Figure 3: Annotated example of a .GAL file and the associated shapefile with the polygons numbered accordingly.

[TOP]

Adding Extra Layers

As the model uses a vector approach to representing space, both points and lines (See BasicPoint and BasicLine respectively) can additionally be represented within the model as extra layers.  These can either be loaded through the use of a shapefile or created on the fly for the case of point agents described above.  The ability to add features apart from polygons allows for different features such as underground stations or train lines to be incorporated into the model if desired.  If one had the exact residence of each person, these could therefore be added to the model.  The point agents can then interact with these features if needed.  For example, when choosing a new house, a residential agent may consider distance to the underground station or the agent may not want to live next to main road.  Figure 4 demonstrates how different layers can be added to the model, the underlying environment layer (the red polygons) representing wards, on top of which point agents were created based on attributes of the .dbf file (as described above).  Additionally two extra layers have also been added, one of lines and one of points based on a line and point shapefile respectively.  The points (white points) represent the location of actual underground stations while the black lines connecting the underground stations represent the underground lines in this central London example.

Figure 4: A screen shot where extra layers have been added

[TOP]

The Point Agents

While the polygon agents remain fixed, the point agents can either be inanimate/fixed (such as underground stations) or animate/mobile (such as residents).  Both are located within the urban environment and are capable of interacting with each other and the environment.  As with the polygon agents, this type of agent is built with flexibility in mind, for all modellers try to build a representation of the real-world, making choices, about what to represent and at what level of detail.  Modellers are therefore faced with the challenge of abstraction.  Agent-based models focus on the individual with individual characteristics located in space whose behaviour has to be described over time.  The modeller has therefore to make decisions about these issues specifically in terms of: sectors (number and breadth of categories, e.g. splitting the population by age groups), space (size of area units within which entities are located, e.g. a census track), and time (length of time units which provide the basis for longitudinal description and analysis e.g. 10 year time intervals) (Wilson, 2000).  For this reason, the point agents’ characteristics are totally unspecified.  Specification comes when designing the specific application. 
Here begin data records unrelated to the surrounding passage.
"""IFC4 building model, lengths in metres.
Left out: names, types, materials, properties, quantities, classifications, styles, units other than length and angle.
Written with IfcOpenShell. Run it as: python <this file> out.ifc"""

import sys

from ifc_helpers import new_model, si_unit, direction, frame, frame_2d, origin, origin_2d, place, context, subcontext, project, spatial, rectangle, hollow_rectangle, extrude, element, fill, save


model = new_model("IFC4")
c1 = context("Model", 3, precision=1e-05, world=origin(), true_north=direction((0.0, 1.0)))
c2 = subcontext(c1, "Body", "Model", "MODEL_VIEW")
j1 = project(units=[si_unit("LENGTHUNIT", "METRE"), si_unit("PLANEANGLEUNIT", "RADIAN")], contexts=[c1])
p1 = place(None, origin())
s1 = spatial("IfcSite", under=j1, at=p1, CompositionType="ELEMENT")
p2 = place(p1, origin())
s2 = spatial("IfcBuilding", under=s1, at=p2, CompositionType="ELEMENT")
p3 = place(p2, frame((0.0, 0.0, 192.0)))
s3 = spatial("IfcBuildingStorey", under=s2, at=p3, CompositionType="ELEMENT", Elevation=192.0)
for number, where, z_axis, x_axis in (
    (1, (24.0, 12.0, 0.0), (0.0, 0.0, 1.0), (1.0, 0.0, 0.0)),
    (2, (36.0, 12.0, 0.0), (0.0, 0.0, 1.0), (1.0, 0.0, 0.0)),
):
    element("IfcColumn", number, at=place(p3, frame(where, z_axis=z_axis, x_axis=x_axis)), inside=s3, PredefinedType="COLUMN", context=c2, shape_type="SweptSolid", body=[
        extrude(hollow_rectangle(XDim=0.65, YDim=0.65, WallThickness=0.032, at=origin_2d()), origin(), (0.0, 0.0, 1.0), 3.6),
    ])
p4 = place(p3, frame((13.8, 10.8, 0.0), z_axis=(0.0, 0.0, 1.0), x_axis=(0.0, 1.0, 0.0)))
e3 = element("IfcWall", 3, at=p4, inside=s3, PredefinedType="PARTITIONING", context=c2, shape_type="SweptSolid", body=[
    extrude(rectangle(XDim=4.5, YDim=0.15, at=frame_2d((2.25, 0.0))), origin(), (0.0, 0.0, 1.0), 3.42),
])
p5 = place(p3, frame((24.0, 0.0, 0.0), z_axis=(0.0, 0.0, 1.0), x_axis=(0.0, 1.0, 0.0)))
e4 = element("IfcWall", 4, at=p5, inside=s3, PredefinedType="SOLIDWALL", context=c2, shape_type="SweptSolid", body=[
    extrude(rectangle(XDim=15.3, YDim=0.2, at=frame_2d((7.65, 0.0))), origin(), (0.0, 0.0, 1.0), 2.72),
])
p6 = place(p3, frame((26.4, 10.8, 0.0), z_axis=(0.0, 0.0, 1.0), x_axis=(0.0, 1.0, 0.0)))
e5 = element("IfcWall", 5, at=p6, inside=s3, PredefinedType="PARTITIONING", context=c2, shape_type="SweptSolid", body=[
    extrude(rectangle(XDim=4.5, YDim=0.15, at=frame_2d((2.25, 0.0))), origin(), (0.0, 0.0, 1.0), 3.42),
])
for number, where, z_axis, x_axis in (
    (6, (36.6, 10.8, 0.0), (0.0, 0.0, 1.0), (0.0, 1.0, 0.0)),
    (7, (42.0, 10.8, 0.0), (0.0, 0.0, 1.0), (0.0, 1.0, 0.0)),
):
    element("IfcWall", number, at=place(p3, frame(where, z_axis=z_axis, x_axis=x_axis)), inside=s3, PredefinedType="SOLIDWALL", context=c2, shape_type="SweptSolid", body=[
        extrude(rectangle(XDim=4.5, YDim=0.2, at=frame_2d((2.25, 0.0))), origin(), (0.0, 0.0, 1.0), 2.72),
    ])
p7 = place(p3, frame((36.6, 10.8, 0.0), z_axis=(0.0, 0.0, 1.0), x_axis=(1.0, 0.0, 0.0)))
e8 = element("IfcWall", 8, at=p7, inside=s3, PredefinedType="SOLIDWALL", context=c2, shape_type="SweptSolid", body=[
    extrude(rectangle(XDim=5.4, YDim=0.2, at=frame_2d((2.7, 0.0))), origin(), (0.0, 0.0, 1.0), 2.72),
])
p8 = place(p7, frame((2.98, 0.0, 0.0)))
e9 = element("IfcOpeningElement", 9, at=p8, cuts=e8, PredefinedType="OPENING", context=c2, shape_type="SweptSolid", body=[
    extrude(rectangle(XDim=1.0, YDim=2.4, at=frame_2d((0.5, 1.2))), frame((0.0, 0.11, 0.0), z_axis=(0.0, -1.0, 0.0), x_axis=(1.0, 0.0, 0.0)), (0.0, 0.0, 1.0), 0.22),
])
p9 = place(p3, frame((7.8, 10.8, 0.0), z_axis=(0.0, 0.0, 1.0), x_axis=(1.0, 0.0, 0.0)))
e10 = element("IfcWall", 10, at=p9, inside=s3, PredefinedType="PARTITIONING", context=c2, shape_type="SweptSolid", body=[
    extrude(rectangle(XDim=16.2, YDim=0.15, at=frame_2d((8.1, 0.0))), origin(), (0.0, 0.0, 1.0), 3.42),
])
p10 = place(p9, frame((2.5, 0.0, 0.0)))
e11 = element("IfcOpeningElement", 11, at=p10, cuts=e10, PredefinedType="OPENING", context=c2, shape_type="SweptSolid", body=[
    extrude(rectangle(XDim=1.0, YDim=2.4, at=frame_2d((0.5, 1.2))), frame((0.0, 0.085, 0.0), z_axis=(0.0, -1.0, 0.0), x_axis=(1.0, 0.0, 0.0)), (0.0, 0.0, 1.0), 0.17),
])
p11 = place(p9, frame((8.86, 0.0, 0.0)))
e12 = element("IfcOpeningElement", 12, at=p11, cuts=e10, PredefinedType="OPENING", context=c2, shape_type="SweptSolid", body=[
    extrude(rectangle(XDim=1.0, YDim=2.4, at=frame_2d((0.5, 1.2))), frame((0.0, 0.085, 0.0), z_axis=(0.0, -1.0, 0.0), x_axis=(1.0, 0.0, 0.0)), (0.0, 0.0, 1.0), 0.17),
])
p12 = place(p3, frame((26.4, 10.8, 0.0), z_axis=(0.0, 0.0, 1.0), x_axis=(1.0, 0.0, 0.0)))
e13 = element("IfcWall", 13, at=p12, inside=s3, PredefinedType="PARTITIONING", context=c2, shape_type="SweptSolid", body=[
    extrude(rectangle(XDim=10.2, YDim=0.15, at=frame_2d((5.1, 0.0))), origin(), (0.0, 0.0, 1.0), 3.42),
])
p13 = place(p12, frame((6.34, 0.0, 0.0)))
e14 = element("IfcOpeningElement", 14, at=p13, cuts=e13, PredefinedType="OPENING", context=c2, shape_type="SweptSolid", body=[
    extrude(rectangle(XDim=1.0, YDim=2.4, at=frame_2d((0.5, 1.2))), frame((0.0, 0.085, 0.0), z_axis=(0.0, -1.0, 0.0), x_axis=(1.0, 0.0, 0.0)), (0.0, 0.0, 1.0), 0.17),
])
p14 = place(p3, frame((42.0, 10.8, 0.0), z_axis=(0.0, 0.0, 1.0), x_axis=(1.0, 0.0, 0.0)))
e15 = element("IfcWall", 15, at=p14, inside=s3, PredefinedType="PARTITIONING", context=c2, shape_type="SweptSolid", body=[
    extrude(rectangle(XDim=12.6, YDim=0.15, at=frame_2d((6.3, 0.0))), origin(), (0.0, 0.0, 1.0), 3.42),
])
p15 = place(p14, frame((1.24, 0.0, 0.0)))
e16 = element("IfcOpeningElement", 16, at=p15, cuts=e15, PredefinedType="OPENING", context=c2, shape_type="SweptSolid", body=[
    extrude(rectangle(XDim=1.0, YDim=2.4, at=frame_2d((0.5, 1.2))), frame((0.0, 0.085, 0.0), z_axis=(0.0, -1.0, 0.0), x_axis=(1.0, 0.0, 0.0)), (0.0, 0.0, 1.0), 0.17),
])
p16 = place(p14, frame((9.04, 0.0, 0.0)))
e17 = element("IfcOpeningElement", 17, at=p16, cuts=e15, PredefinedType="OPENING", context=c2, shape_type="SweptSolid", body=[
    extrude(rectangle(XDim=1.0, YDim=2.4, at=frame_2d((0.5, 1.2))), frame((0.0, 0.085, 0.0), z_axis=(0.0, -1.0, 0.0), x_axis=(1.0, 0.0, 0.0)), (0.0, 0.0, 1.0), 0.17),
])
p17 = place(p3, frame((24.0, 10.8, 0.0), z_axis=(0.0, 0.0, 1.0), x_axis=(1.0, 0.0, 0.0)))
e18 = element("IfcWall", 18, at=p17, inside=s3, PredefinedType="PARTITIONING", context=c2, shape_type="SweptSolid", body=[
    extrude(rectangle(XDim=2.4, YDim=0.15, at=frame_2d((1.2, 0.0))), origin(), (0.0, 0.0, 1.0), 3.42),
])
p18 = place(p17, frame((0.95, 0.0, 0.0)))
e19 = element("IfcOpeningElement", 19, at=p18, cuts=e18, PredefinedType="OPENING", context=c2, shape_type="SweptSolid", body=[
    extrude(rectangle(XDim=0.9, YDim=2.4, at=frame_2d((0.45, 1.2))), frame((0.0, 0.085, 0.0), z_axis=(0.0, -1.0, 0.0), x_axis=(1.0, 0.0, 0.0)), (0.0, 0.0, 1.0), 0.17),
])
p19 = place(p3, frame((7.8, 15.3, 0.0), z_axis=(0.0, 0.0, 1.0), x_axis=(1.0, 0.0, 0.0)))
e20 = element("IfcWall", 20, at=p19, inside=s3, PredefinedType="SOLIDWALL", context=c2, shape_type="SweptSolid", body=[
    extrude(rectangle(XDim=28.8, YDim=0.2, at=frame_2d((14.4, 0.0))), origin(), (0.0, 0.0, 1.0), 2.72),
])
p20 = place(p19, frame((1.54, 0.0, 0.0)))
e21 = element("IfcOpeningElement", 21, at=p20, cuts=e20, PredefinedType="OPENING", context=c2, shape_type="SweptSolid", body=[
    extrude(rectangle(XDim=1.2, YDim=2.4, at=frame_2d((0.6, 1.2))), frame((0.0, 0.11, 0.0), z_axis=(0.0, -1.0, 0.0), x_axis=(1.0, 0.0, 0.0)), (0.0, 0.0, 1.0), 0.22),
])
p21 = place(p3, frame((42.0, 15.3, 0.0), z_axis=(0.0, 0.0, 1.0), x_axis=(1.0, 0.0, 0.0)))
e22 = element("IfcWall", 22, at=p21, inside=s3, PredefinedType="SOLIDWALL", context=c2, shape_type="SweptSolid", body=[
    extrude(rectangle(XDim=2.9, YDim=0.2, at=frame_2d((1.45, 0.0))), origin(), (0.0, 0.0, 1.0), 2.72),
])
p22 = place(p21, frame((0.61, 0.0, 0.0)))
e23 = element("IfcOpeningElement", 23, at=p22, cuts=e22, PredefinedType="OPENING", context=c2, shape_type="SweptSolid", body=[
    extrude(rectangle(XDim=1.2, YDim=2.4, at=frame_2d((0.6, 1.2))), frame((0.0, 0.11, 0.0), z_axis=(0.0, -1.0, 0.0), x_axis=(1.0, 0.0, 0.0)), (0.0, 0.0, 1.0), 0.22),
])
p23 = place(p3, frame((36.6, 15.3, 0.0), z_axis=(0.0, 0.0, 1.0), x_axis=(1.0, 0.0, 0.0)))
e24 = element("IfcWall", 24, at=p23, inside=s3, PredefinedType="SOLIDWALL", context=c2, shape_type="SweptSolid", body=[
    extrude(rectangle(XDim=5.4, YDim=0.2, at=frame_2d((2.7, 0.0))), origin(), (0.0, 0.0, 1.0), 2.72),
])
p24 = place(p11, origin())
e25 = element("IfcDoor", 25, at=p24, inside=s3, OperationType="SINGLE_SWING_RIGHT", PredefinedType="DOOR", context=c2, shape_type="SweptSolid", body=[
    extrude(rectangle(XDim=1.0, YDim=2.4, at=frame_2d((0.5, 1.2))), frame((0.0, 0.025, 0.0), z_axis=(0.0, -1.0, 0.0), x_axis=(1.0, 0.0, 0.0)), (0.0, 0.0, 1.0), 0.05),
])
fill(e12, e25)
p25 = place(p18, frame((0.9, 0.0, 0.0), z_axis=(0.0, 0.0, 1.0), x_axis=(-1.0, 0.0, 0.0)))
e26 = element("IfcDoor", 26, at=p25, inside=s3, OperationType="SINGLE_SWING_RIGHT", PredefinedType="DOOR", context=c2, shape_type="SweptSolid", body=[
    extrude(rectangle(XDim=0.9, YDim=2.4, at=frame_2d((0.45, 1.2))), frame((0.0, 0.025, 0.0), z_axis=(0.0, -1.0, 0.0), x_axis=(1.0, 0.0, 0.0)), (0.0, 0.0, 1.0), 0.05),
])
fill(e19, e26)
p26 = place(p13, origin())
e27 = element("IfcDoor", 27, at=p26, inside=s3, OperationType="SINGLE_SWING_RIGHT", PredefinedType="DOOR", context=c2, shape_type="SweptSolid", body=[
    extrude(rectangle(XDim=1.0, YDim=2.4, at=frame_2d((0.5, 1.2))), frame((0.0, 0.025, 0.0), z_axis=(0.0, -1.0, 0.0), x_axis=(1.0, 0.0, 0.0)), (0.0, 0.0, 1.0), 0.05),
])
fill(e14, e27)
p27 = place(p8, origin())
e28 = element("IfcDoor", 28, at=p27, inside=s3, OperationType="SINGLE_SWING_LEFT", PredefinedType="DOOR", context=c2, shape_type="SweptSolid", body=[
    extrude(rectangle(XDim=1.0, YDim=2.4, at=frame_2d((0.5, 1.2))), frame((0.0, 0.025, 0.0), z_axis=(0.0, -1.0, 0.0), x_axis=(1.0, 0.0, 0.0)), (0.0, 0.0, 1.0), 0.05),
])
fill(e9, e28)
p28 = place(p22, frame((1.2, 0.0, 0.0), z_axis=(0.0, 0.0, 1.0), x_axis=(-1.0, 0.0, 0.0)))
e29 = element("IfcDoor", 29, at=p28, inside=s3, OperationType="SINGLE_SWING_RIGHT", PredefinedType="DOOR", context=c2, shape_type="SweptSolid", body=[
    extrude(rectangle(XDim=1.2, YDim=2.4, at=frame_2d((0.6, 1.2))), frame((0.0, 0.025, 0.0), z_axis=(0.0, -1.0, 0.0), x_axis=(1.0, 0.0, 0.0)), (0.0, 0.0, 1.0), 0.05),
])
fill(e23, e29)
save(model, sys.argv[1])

While the point agent’s characteristics are unspecified, there is some core behaviour.  Specifically the agent needs to know where it is and which agents are surrounding it; additionally methods are needed for the movement of agents.  Two types of movement are built into the model for point agents.  One is the movement between areas, for example, between wards, and the second is local movement.  Movement between areas can be carried out in two ways.  One is by searching an area’s aggregate characteristics and deciding if it is suitable for the agent.  Secondly it can be facilitated by the agent’s preferences for other agents, for example, moving to an area due to similar agents already located there (as in the case in the Segregation Model).  In either case, once an agent moves to a new location, there are a series of methods for local movement.

Unlike in pedestrian modelling, the agent’s movement is not dictated by a specific target.  Local movement within the model is focused on allowing the agent to search its local environment to see if a suitable location can be found.  Agents do not just move between polygons but also within them which distinguishes them from cell space models.  This movement can be constrained to a specific area, for example, a ward, and the distance between points can be specified.  However, the movement itself is random (Figure 5 or agentMovesToNewLocation method in BaiscPointAgent for an example). Each time the point agent moves, a buffering operation (see below) can be carried out to determine the local neighbourhood characteristics (Figure 6 or summaryOfNeibourhingAgents method in BaiscPointAgent for an example).  It is worth noting that the buffered areas appear ellipsoid in shape which is a result of transforming the coordinates from WGS84 to a projected coordinate system/flat surface.  This effect will be seen throughout the paper where coordinates have been taken directly from the models and projected to a flat surface but it makes no difference to the underlying locational frame which remains accurate.  It is simply an artefact of the simulation and could be corrected deep within the basic code. 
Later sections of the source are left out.